# canoe turny june 21



## Sleprock (Dec 16, 2005)

ok fellas

june 21st

little miami state park,covered bridge on middletown rd. near waynesville

to

fort ancient state park

longer one this time looks like 8 miles

$10 per person

looking for a early start to avoid canoe traffic


hows this sound to everybody

this is south of cc and should hold alot of different species

3 fish must have a livewell


----------



## LMRsmallmouth (Jan 10, 2006)

Me and Rblake are in....lets do 8:30 launch at CC put in...can't Wait!!


----------



## Young Whiskers (Feb 23, 2005)

June 21st is the longest day of the year...we could do it at 6 AM if we wanted to. I'll bet 1bad and I are in, but I can't be certain.

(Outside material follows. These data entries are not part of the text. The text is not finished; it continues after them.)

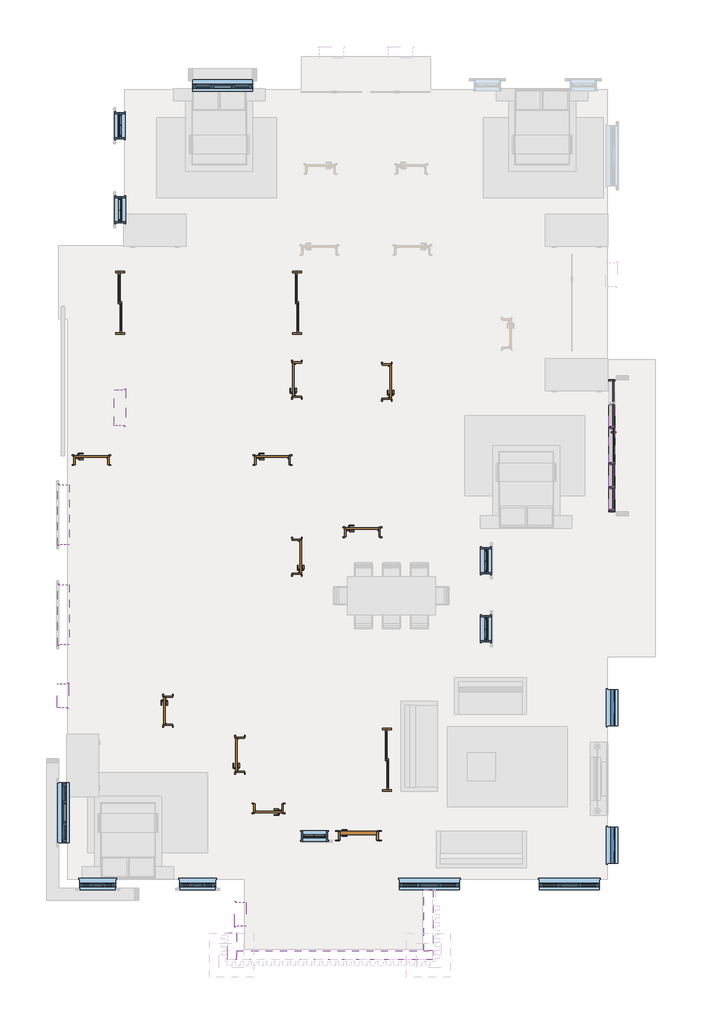
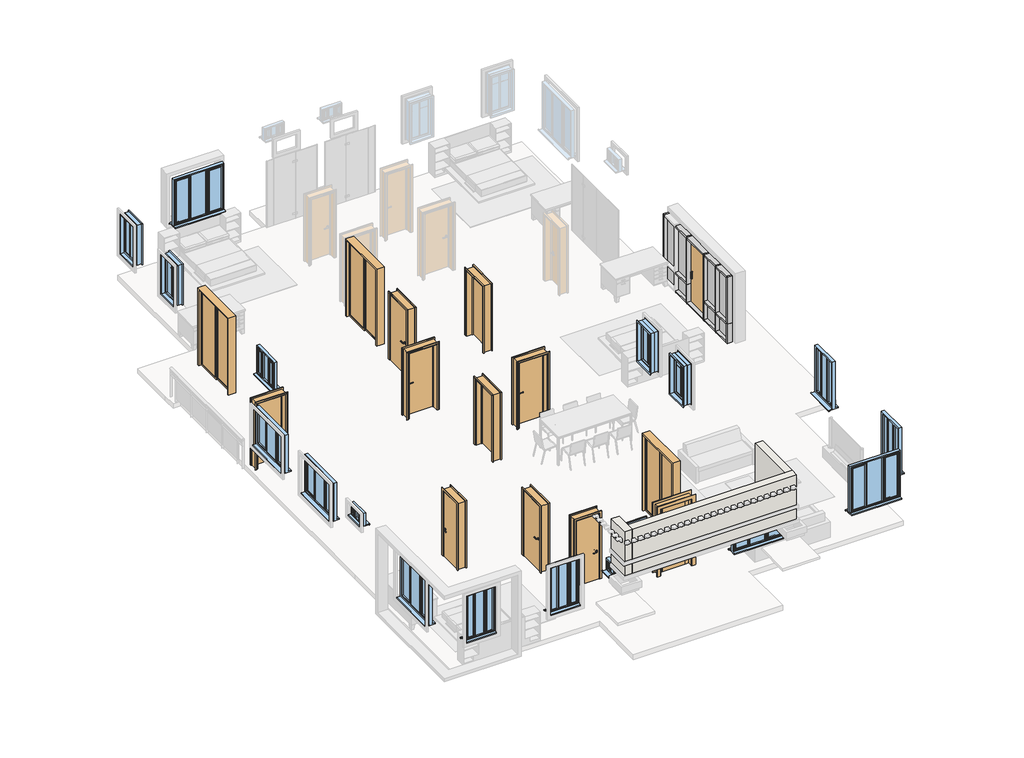
# One storey, part 1 of 2: 20 members, 18 windows, 14 doors, 8 plates, 3 walls.
"""IFC4 building model written with IfcOpenShell, lengths in millimetres."""

from ifc_helpers import new_model, si_unit, frame, origin, place, context, project, spatial, polyline, outline, extrude, faceted_brep, transform, mapped, element, save
from components import door_1500_x_2400mm_f3db478b, doors_intsgl_927b0b89, doors_intsgl_1caea894, doors_intsgl_900mm_doors_1c9cf9a6, doors_intsgl_900mm_doors_d21b38ee, m_door_curtain_wall_single_glass_m_door_curtain_wall_single_f8ee2cb8, single_flush_door_modern_12229_930_x_2100mm_fac4ccff, rectangular_mullion_50_x_150mm_5b5377e9, rectangular_mullion_50_x_150mm_de2b7ee4, rectangular_mullion_50_x_150mm_8a69f4a4, rectangular_mullion_50_x_150mm_b8dbbb25, rectangular_mullion_50_x_150mm_5dbd0429, rectangular_mullion_50_x_150mm_324a6438, rectangular_mullion_50_x_150mm_63369cdd, rectangular_mullion_50_x_150mm_7b69be1d, rectangular_mullion_50_x_150mm_c6835c94, system_panel_glazed_d134efab, system_panel_glazed_ea2acdbe, system_panel_glazed_163e0323, system_panel_glazed_68fefaed, tpl_plain_1500mm_wind_d4a9cd4c, tpl_plain_1500mm_wind_2_30e43110, tpl_plain_600mm_window_e9a44080, tpl_plain_900mm_wind_8db11632, tpl_plain_900mm_wind_2_fce8a64c, yu_window_casement_600x1200_84df8a12

model = new_model("IFC4")

# Units and contexts
model_context = context("Model", 3, world=origin())
ifc_project = project(units=[si_unit("LENGTHUNIT", "METRE", prefix="MILLI")], contexts=[model_context])

# Site, building, storey
site = spatial("IfcSite", under=ifc_project)
building = spatial("IfcBuilding", under=site)
storey = spatial("IfcBuildingStorey", under=building, Elevation=450.0)

# Doors
placement = place(None, origin())
door_1500_x_2400mm_shape = door_1500_x_2400mm_f3db478b(model_context)
element("IfcDoor", 1, ObjectType="1500 x 2400mm", at=placement, inside=storey, context=model_context, shape_type="MappedRepresentation", body=[
    mapped(door_1500_x_2400mm_shape, transform((-149.2953966, 3626.5650849, 450.0), x_axis=(0.0, -1.0, 0.0), y_axis=(1.0, 0.0, 0.0), z_axis=(0.0, 0.0, 1.0))),
])
element("IfcDoor", 2, ObjectType="1500 x 2400mm", at=placement, inside=storey, context=model_context, shape_type="MappedRepresentation", body=[
    mapped(door_1500_x_2400mm_shape, transform((-4574.2953966, 3626.5650849, 450.0), x_axis=(0.0, -1.0, 0.0), y_axis=(1.0, 0.0, 0.0), z_axis=(0.0, 0.0, 1.0))),
])
element("IfcDoor", 3, ObjectType="1500 x 2400mm", at=placement, inside=storey, context=model_context, shape_type="MappedRepresentation", body=[
    mapped(door_1500_x_2400mm_shape, transform((2100.7046034, -7795.9349151, 450.0), x_axis=(0.0, -1.0, 0.0), y_axis=(1.0, 0.0, 0.0), z_axis=(0.0, 0.0, 1.0))),
])
doors_intsgl_shape = doors_intsgl_927b0b89(model_context)
element("IfcDoor", 4, ObjectType="Doors_IntSgl", at=placement, inside=storey, context=model_context, shape_type="MappedRepresentation", body=[
    mapped(doors_intsgl_shape, transform((-3374.2953966, -6659.1929163, 450.0), x_axis=(0.0, -1.0, 0.0), y_axis=(1.0, 0.0, 0.0), z_axis=(0.0, 0.0, 1.0))),
])
doors_intsgl_2_shape = doors_intsgl_1caea894(model_context)
element("IfcDoor", 5, ObjectType="Doors_IntSgl", at=placement, inside=storey, context=model_context, shape_type="MappedRepresentation", body=[
    mapped(doors_intsgl_2_shape, transform((-861.7953966, -9096.6929163, 450.0), x_axis=(-1.0, 0.0, 0.0), y_axis=(0.0, -1.0, 0.0), z_axis=(0.0, 0.0, 1.0))),
])
doors_intsgl_900mm_doors_shape = doors_intsgl_900mm_doors_1c9cf9a6(model_context)
element("IfcDoor", 6, ObjectType="Doors_IntSgl : 900mm DOORS", at=placement, inside=storey, context=model_context, shape_type="MappedRepresentation", body=[
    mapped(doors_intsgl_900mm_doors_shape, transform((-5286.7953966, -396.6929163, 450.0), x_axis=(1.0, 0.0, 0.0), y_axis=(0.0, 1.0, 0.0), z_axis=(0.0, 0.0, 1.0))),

These next couple of weeks are going to be crazy with graduation, job interviews, and moving to a new house.


----------



## LMRsmallmouth (Jan 10, 2006)

Hey Whiskers....I hope you dont keep that GMR smallie on life support until tourney day, that sucker could eat most of the fish that are gonna be caught on the 21st...lol Just kidding
On a serious note....I wouldn't mind a 7AM start time, any earlier than that cuts into my Friday Night beer intake.....


----------



## Salmonid (Apr 14, 2004)

As we get closer, I may be able to schedule it, wont know till that week most likely. BTW, there will be a TON of drunk boat traffic so the earlier the start, the better.

Salmonid


----------



## fishingfoolBG (Oct 30, 2007)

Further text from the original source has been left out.